A PROVOCATIVE, CONTROVERSIAL, YET HIGHLY-INTERESTING PROPOSAL
Rupert Sheldrake (born 1942) is an English biochemist and plant physiologist who has also written books such as 'Morphic Resonance: The Nature of Formative Causation,' 'The Presence of the Past: Morphic Resonance and the Habits of Nature,' 'Seven Experiments That Could Change the World: A Do-It-Yourself Guide to Revolutionary Science,' and co-wrote with Matthew Fox 'The Physics of Angels: Exploring the Realm Where Science and Spirit Meet' and 'Natural Grace: Dialogues on creation, darkness, and the soul in spirituality and science.'
He wrote in the Introduction to this 1981 book, "The hypothesis put forward in this book is ... that specific morphogenetic fields are responsible for the characteristic form and organization of systems at all levels of complexity... According to this hypothesis, systems are organized in the way they are because similar systems were organized that way in the past."

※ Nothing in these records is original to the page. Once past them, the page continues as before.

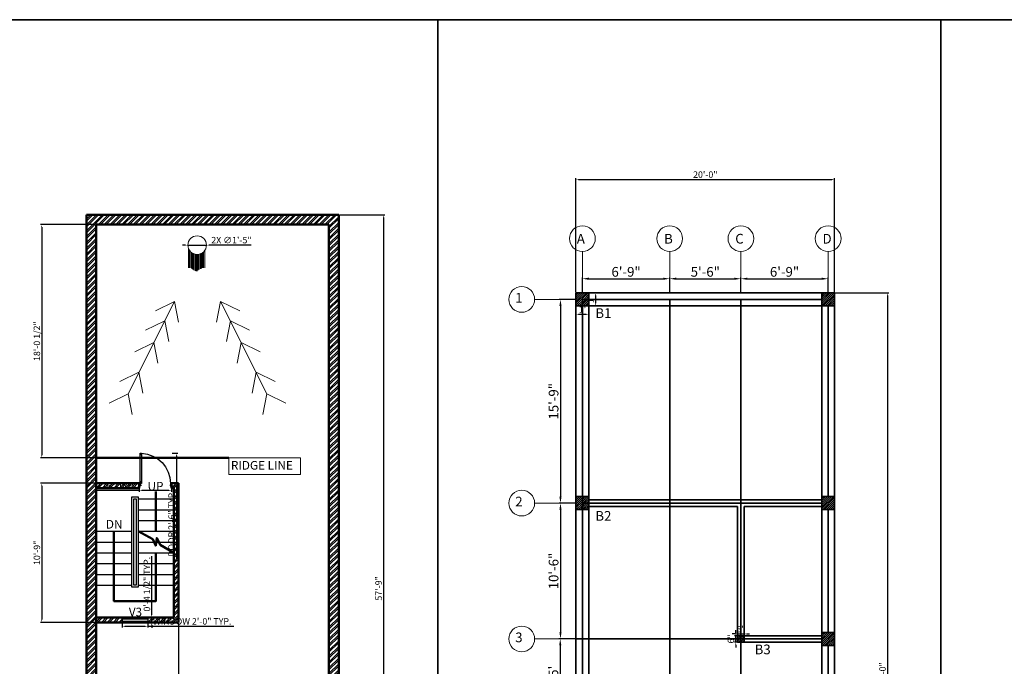
# Model space of a CAD drawing. Units: millimetres. Extents: x 20768 to 23556, y 50760 to 52704.
# Tile 31 of 36: x 21642 to 22556, y 52104 to 52704. Entities that reach past the tile are written whole.
import ezdxf

# ---------------------------------------------------------------- set-up
doc = ezdxf.new("R2010")
doc.units = ezdxf.units.MM
for name, color, linetype, lineweight in [('A-ANNO-TTLB', 7, 'Continuous', 35), ('A-AREA-IDEN', 40, 'Continuous', 18), ('A-DOOR', 3, 'Continuous', 25), ('A-FLOR-STRS', 11, 'Continuous', 25), ('A-GLAZ', 4, 'Continuous', 25), ('A-ROOF', 30, 'Continuous', 18), ('A-WALL', 7, 'Continuous', 50), ('A-WALL-PATT', 8, 'Continuous', 13), ('S-ANNO-DIMS', 2, 'Continuous', 18), ('S-ANNO-TEXT', 6, 'Continuous', 18), ('S-BEAM', 3, 'Continuous', 35), ('S-COLS', 20, 'Continuous', 35), ('S-COLS-PATT', 8, 'Continuous', 13), ('S-GRID', 1, 'Continuous', 18)]:
    doc.layers.add(name, color=color, linetype=linetype, lineweight=lineweight)
doc.styles.get("Standard").update_dxf_attribs({"font": 'arial.ttf'})
doc.dimstyles.new('ISO-25', dxfattribs={"dimtxt": 6, "dimasz": 2.5, "dimexe": 1.25, "dimexo": 0.625, "dimtad": 1, "dimdec": 0, "dimlunit": 3, "dimtxsty": 'Standard', "dimcen": 2.5, "dimadec": 0, "dimazin": 0, "dimtfac": 1, "dimtdec": 0, "dimtmove": 0, "dimatfit": 3, "dimfxl": 1, "dimarcsym": 0})
pattern_1 = [(45, (102.9326, 0), (-0.898025612, 0.898025612), [])]

# ---------------------------------------------------------------- blocks, each defined once
blk = doc.blocks.new('Puerta 01')
for p, q in [((-0.775, -0.026), (-0.737, -0.058)), ((-0.775, -0.058), (-0.737, -0.026)), ((-0.737, -0.058), (-0.737, -0.026)), ((-0.028, -0.058), (-0.066, -0.026)), ((-0.028, -0.026), (-0.066, -0.058)), ((-0.066, -0.058), (-0.066, -0.026))]:
    blk.add_line(p, q)
for points in [[(-0.028, 0), (-0.028, -0.026), (0.004, -0.026), (0.004, -0.036), (0.028, -0.036), (0.028, 0)], [(-0.028, -0.026), (-0.775, -0.026), (-0.775, -0.058), (-0.028, -0.058)], [(0.004, -0.774), (0.004, -0.764), (0.028, -0.764), (0.028, -0.8), (-0.028, -0.8), (-0.028, -0.774)]]:
    blk.add_lwpolyline(points, close=True)
blk.add_arc((-0.028, -0.026), 0.747, 182.4545, 270)
blk = doc.blocks.new('*D32')
at = {"layer": 'Defpoints', "color": 0, "transparency": 16777216}
for p in [(22245.2, 52463.68), (22164.2, 52450.51), (22245.2, 52450.51)]:
    blk.add_point(p, dxfattribs=at)
at = {"layer": 'S-ANNO-DIMS', "color": 0, "lineweight": -2, "transparency": 16777216}
for p, q in [((22164.2, 52451.13), (22164.2, 52464.93)), ((22170.2, 52463.68), (22239.2, 52463.68)), ((22245.2, 52451.13), (22245.2, 52464.93))]:
    blk.add_line(p, q, dxfattribs=at)
at = {"layer": 'S-ANNO-DIMS', "color": 0, "transparency": 16777216}
for points in [[(22170.2, 52464.68), (22170.2, 52462.68), (22164.2, 52463.68)], [(22239.2, 52464.68), (22239.2, 52462.68), (22245.2, 52463.68)]]:
    blk.add_solid(points, dxfattribs=at)
at = {"layer": 'S-ANNO-DIMS', "color": 0, "transparency": 16777216, "insert": (22204.7, 52468.9), "char_height": 9, "attachment_point": 5}
blk.add_mtext('6\'-9"', dxfattribs=at)
blk = doc.blocks.new('*D33')
at = {"layer": 'Defpoints', "color": 0, "transparency": 16777216}
for p in [(22311.2, 52463.68), (22245.2, 52450.51), (22311.2, 52450.51)]:
    blk.add_point(p, dxfattribs=at)
at = {"layer": 'S-ANNO-DIMS', "color": 0, "lineweight": -2, "transparency": 16777216}
for p, q in [((22245.2, 52451.13), (22245.2, 52464.93)), ((22251.2, 52463.68), (22305.2, 52463.68)), ((22311.2, 52451.13), (22311.2, 52464.93))]:
    blk.add_line(p, q, dxfattribs=at)
at = {"layer": 'S-ANNO-DIMS', "color": 0, "transparency": 16777216}
for points in [[(22251.2, 52464.68), (22251.2, 52462.68), (22245.2, 52463.68)], [(22305.2, 52464.68), (22305.2, 52462.68), (22311.2, 52463.68)]]:
    blk.add_solid(points, dxfattribs=at)
at = {"layer": 'S-ANNO-DIMS', "color": 0, "transparency": 16777216, "insert": (22278.2, 52468.9), "char_height": 9, "attachment_point": 5}
blk.add_mtext('5\'-6"', dxfattribs=at)
blk = doc.blocks.new('*D34')
at = {"layer": 'Defpoints', "color": 0, "transparency": 16777216}
for p in [(22392.2, 52463.68), (22311.2, 52450.51), (22392.2, 52450.51)]:
    blk.add_point(p, dxfattribs=at)
at = {"layer": 'S-ANNO-DIMS', "color": 0, "lineweight": -2, "transparency": 16777216}
for p, q in [((22311.2, 52451.13), (22311.2, 52464.93)), ((22317.2, 52463.68), (22386.2, 52463.68)), ((22392.2, 52451.13), (22392.2, 52464.93))]:
    blk.add_line(p, q, dxfattribs=at)
at = {"layer": 'S-ANNO-DIMS', "color": 0, "transparency": 16777216}
for points in [[(22317.2, 52464.68), (22317.2, 52462.68), (22311.2, 52463.68)], [(22386.2, 52464.68), (22386.2, 52462.68), (22392.2, 52463.68)]]:
    blk.add_solid(points, dxfattribs=at)
at = {"layer": 'S-ANNO-DIMS', "color": 0, "transparency": 16777216, "insert": (22351.7, 52468.9), "char_height": 9, "attachment_point": 5}
blk.add_mtext('6\'-9"', dxfattribs=at)
blk = doc.blocks.new('*D35')
at = {"layer": 'Defpoints', "color": 0, "transparency": 16777216}
for p in [(22158.2, 52444.51), (22143.84, 52255.51), (22158.2, 52255.51)]:
    blk.add_point(p, dxfattribs=at)
at = {"layer": 'S-ANNO-DIMS', "color": 0, "lineweight": -2, "transparency": 16777216}
for p, q in [((22157.58, 52444.51), (22142.59, 52444.51)), ((22143.84, 52438.51), (22143.84, 52261.51)), ((22157.58, 52255.51), (22142.59, 52255.51))]:
    blk.add_line(p, q, dxfattribs=at)
at = {"layer": 'S-ANNO-DIMS', "color": 0, "transparency": 16777216}
for points in [[(22142.84, 52438.51), (22144.84, 52438.51), (22143.84, 52444.51)], [(22142.84, 52261.51), (22144.84, 52261.51), (22143.84, 52255.51)]]:
    blk.add_solid(points, dxfattribs=at)
at = {"layer": 'S-ANNO-DIMS', "color": 0, "transparency": 16777216, "insert": (22138.62, 52350.01), "char_height": 9, "attachment_point": 5, "rotation": 90}
blk.add_mtext('15\'-9"', dxfattribs=at)
blk = doc.blocks.new('*D36')
at = {"layer": 'Defpoints', "color": 0, "transparency": 16777216}
for p in [(22158.2, 52255.51), (22143.84, 52129.51), (22158.2, 52129.51)]:
    blk.add_point(p, dxfattribs=at)
at = {"layer": 'S-ANNO-DIMS', "color": 0, "lineweight": -2, "transparency": 16777216}
for p, q in [((22157.58, 52255.51), (22142.59, 52255.51)), ((22143.84, 52249.51), (22143.84, 52135.51)), ((22157.58, 52129.51), (22142.59, 52129.51))]:
    blk.add_line(p, q, dxfattribs=at)
at = {"layer": 'S-ANNO-DIMS', "color": 0, "transparency": 16777216}
for points in [[(22142.84, 52249.51), (22144.84, 52249.51), (22143.84, 52255.51)], [(22142.84, 52135.51), (22144.84, 52135.51), (22143.84, 52129.51)]]:
    blk.add_solid(points, dxfattribs=at)
at = {"layer": 'S-ANNO-DIMS', "color": 0, "transparency": 16777216, "insert": (22138.62, 52192.51), "char_height": 9, "attachment_point": 5, "rotation": 90}
blk.add_mtext('10\'-6"', dxfattribs=at)
blk = doc.blocks.new('*D37')
at = {"layer": 'Defpoints', "color": 0, "transparency": 16777216}
for p in [(22158.2, 52129.51), (22143.63, 52069.51), (22158.2, 52069.51)]:
    blk.add_point(p, dxfattribs=at)
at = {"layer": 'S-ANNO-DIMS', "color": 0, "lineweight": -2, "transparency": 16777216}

Here are some additional quotations from the book:
"Thus a possible vitalist theory of morphogenesis could be summarized as follows: ... the organization of the cells, tissues, and organs, and the co-ordination of the development of the organism as a whole, is determined by entelechy (i.e., "that which realizes or makes actual what is otherwise merely potential"). The latter is inherited non-materially from past members of the same species..." (Pg. 48)
"But then what determines the particular form of the morphogenetic field? One possible answer is that morphogenetic fields are eternal. They are simply given, and are not explicable in terms of anything else... The other possible answer is ... Chemical and biological forms are repeated ... because of a causal influence from previous similar forms." (Pg. 93)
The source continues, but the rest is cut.